7. Section 1 of the Evidence Act itself provides that it will apply to all judicial proceedings in or before any Court, including courts-martial, other than courts-martial convened under the Army Act. The Supreme Court in Union of India v. T. R. Varma, AIR 1957 SC 882, held that the Evidence Act has no application to enquiries conducted by Tribunals, even though they may be Judicial in character. The law only requires that such Tribunals should observe rules of natural justice in the conduct of the enquiry and if they do so, their decision is not liable to be impeached on the ground that the procedure followed was not in accordance with that, which obtains in a court of law. The principles of natural justice require that a party should have the opportunity of adducing all relevant evidence on which he relies, that the evidence of the opponent should be taken in his presence, and that he should be given the opportunity of cross-examining the witnesses examined by the party, and that no material should be relied on against him without his being given an opportunity of explaining them. In State of Haryana and Anr. v. Rattan Singh, AIR 1977 SC 1512, it was held that in a domestic enquiry, the strict and sophisticated rules of evidence under the Evidence Act may not apply. All materials which are logically probative for a prudent mind are permissible. It was observed as under :

“It is well-settled that in a domestic enquiry, the strict and sophisticated rules of evidence under the Indian Evidence Act may not apply. All materials which are logically probative for a prudent mind are permissible. There is no allergy to hearsay evidence provided it has reasonable nexus and credibility. It is true that departmental authorities and Administrative Tribunals must be careful in evaluating such material and should not glibly swallow what is, strictly speaking, not relevant under the Indian Evidence Act. For this proposition it is not necessary to cite decisions nor text books, although we have been taken through case law and other authorities by counsel on both sides. The essence of a judicial approach is objectivity, exclusion of extraneous materials or considerations and observance of rules of natural justice. Of course, fair play is the basis and if perversity or arbitrariness, bias or surrender of independence of judgment vitiate the conclusions reached, such finding, even though of a domestic Tribunal, cannot be held good.”

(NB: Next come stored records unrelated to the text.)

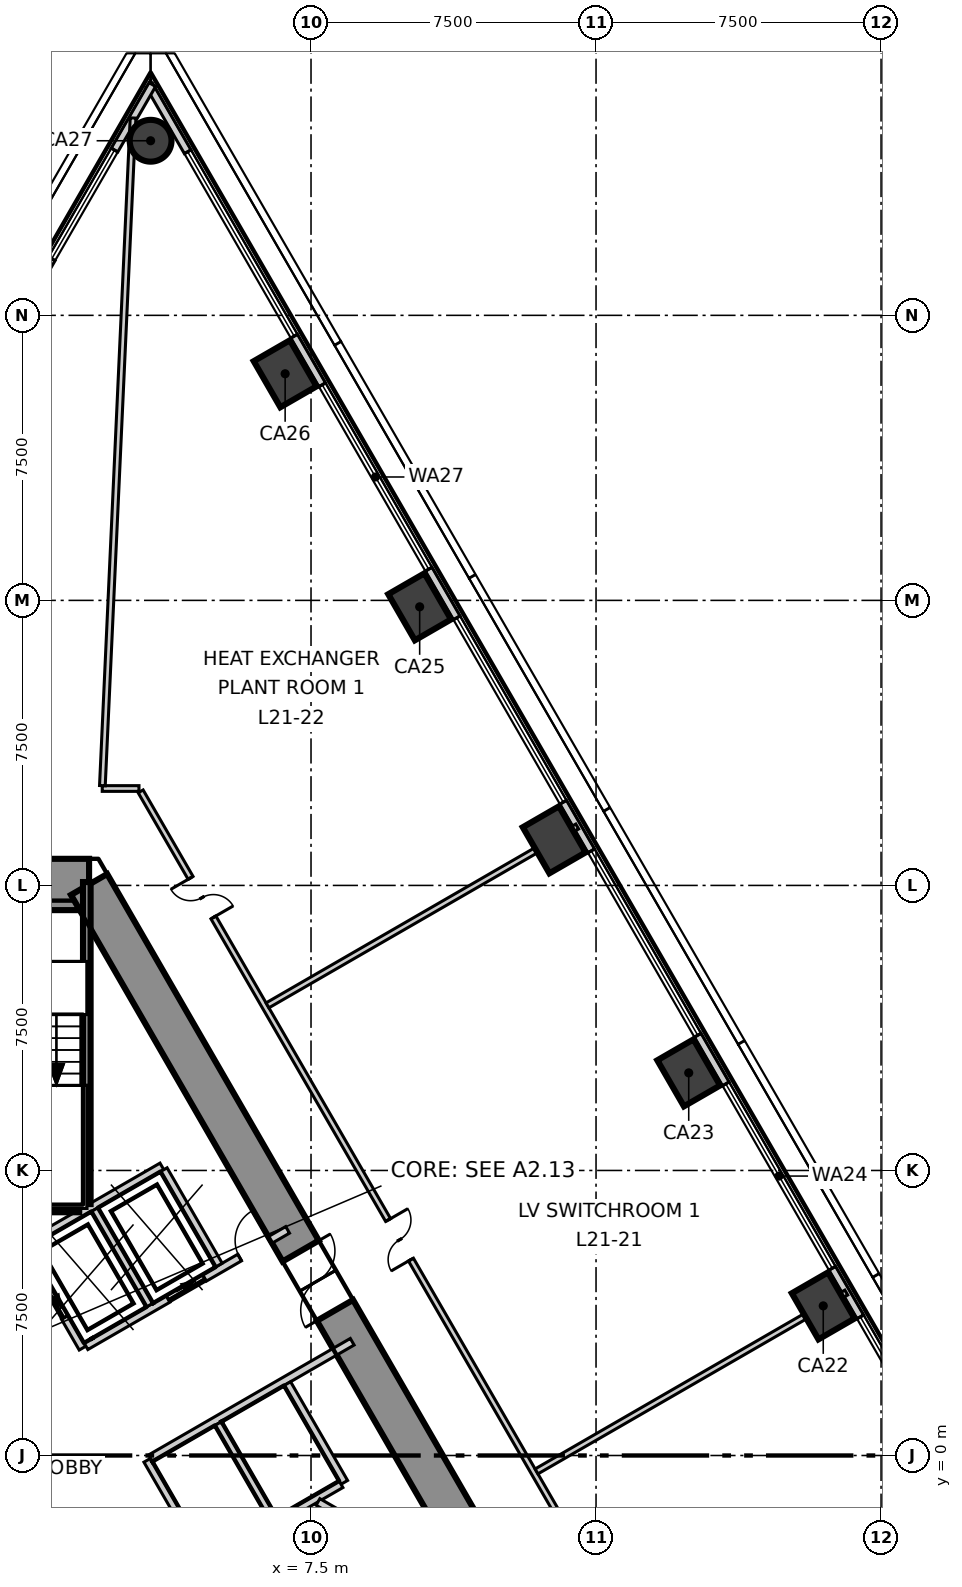
"""IFC4 building model, lengths in metres.
Left out: names, types, materials, properties, quantities, classifications, styles, units other than length and angle.
Written with IfcOpenShell. Run it as: python <this file> out.ifc"""

import sys

from ifc_helpers import new_model, si_unit, direction, frame, frame_2d, origin, origin_2d, place, context, subcontext, project, spatial, polyline, rectangle, circle, outline, extrude, element, fill, save


model = new_model("IFC4")
c1 = context("Model", 3, precision=1e-05, world=origin(), true_north=direction((0.0, 1.0)))
c2 = subcontext(c1, "Body", "Model", "MODEL_VIEW")
j1 = project(units=[si_unit("LENGTHUNIT", "METRE"), si_unit("PLANEANGLEUNIT", "RADIAN")], contexts=[c1])
p1 = place(None, origin())
s1 = spatial("IfcSite", under=j1, at=p1, CompositionType="ELEMENT")
p2 = place(p1, origin())
s2 = spatial("IfcBuilding", under=s1, at=p2, CompositionType="ELEMENT")
p3 = place(p2, frame((0.0, 0.0, 95.3)))
s3 = spatial("IfcBuildingStorey", under=s2, at=p3, CompositionType="ELEMENT", Elevation=95.3)
p4 = place(p3, frame((1.66, 15.025, -0.3), z_axis=(0.0, 0.0, 1.0), x_axis=(-1.0, 0.0, 0.0)))
e1 = element("IfcWall", 1, at=p4, inside=s3, PredefinedType="SHEAR", context=c2, shape_type="SweptSolid", body=[
    extrude(outline(polyline([(-0.245, -0.675), (1.66, -0.675), (3.565, -0.675), (3.075, 0.675), (1.66, 0.675), (0.245, 0.675), (-0.245, -0.675)])), origin(), (0.0, 0.0, 1.0), 4.2),
])
p5 = place(p4, frame((1.221, 0.0, 0.3)))
e2 = element("IfcOpeningElement", 2, at=p5, cuts=e1, PredefinedType="OPENING", context=c2, shape_type="SweptSolid", body=[
    extrude(rectangle(XDim=1.4, YDim=2.1, at=frame_2d((0.7, 1.05))), frame((0.0, 0.685, 0.0), z_axis=(0.0, -1.0, 0.0), x_axis=(1.0, 0.0, 0.0)), (0.0, 0.0, 1.0), 1.37),
])
p6 = place(p3, frame((13.842, -6.075, -0.3), z_axis=(0.0, 0.0, 1.0), x_axis=(-0.500003780125, 0.866023221317, 0.0)))
e3 = element("IfcWall", 3, at=p6, inside=s3, PredefinedType="SHEAR", context=c2, shape_type="SweptSolid", body=[
    extrude(outline(polyline([(-0.462, -0.55), (1.483, -0.55), (3.428, -0.55), (5.374, -0.55), (7.319, -0.55), (9.264, -0.55), (11.209, -0.55), (13.155, -0.55), (15.1, -0.55), (17.045, -0.55), (18.99, -0.55), (20.936, -0.55), (22.881, -0.55), (24.826, -0.55), (23.902, 0.55), (21.949, 0.55), (19.995, 0.55), (18.042, 0.55), (16.089, 0.55), (14.135, 0.55), (12.182, 0.55), (10.229, 0.55), (8.275, 0.55), (6.322, 0.55), (4.369, 0.55), (2.415, 0.55), (0.462, 0.55), (-0.462, -0.55)])), origin(), (0.0, 0.0, 1.0), 4.2),
])
p7 = place(p6, frame((11.426, 0.0, 0.3)))
e4 = element("IfcOpeningElement", 4, at=p7, cuts=e3, PredefinedType="OPENING", context=c2, shape_type="SweptSolid", body=[
    extrude(rectangle(XDim=1.8, YDim=2.1, at=frame_2d((0.9, 1.05))), frame((0.0, 0.56, 0.0), z_axis=(0.0, -1.0, 0.0), x_axis=(1.0, 0.0, 0.0)), (0.0, 0.0, 1.0), 1.12),
])
for number, where, z_axis, x_axis in (
    (5, (20.979, 3.937, -0.3), (0.0, 0.0, 1.0), (-0.5, 0.866, 0.0)),
    (6, (17.439, 10.068, -0.3), (0.0, 0.0, 1.0), (-0.5, 0.866, 0.0)),
    (7, (13.899, 16.2, -0.3), (0.0, 0.0, 1.0), (-0.5, 0.866, 0.0)),
    (8, (10.359, 22.331, -0.3), (0.0, 0.0, 1.0), (-0.5, 0.866, 0.0)),
    (9, (6.819, 28.463, -0.3), (0.0, 0.0, 1.0), (-0.5, 0.866, 0.0)),
):
    element("IfcColumn", number, at=place(p3, frame(where, z_axis=z_axis, x_axis=x_axis)), inside=s3, PredefinedType="COLUMN", context=c2, shape_type="SweptSolid", body=[
        extrude(rectangle(XDim=1.4, YDim=1.1, at=origin_2d()), origin(), (0.0, 0.0, 1.0), 4.2),
    ])
p8 = place(p3, frame((3.279, 34.594, -0.3), z_axis=(0.0, 0.0, 1.0), x_axis=(-0.5, 0.866025403784, 0.0)))
e10 = element("IfcColumn", 10, at=p8, inside=s3, PredefinedType="COLUMN", context=c2, shape_type="SweptSolid", body=[
    extrude(circle(Radius=0.55, at=origin_2d()), origin(), (0.0, 0.0, 1.0), 4.2),
])
p9 = place(p3, frame((32.857, -15.235, 0.0), z_axis=(0.0, 0.0, 1.0), x_axis=(-0.500009108245, 0.866020145073, 0.0)))
e11 = element("IfcWall", 11, at=p9, inside=s3, PredefinedType="ELEMENTEDWALL", context=c2, shape_type="SweptSolid", body=[
    extrude(rectangle(XDim=59.225, YDim=0.2, at=frame_2d((29.613, 0.0))), origin(), (0.0, 0.0, 1.0), 3.9),
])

8. In the facts and circumstances of the case, the question referred to above, does not apply. However, after hearing the learned counsel for the parties, we answer to the question as follows :

“The Evidence Act is not applicable in the departmental enquiry but the principles of natural justice will be applicable. Whenever any evidence is produced either oral or documentary on behalf of any person/authority. In case an oral evidence is relied upon, the person concerned should be given opportunity to cross-examine and if a document is relied upon, he should be given opportunity to explain it.”

The     question     is     answered accordingly.
 

9.   The matter shall not be listed before the appropriate Bench.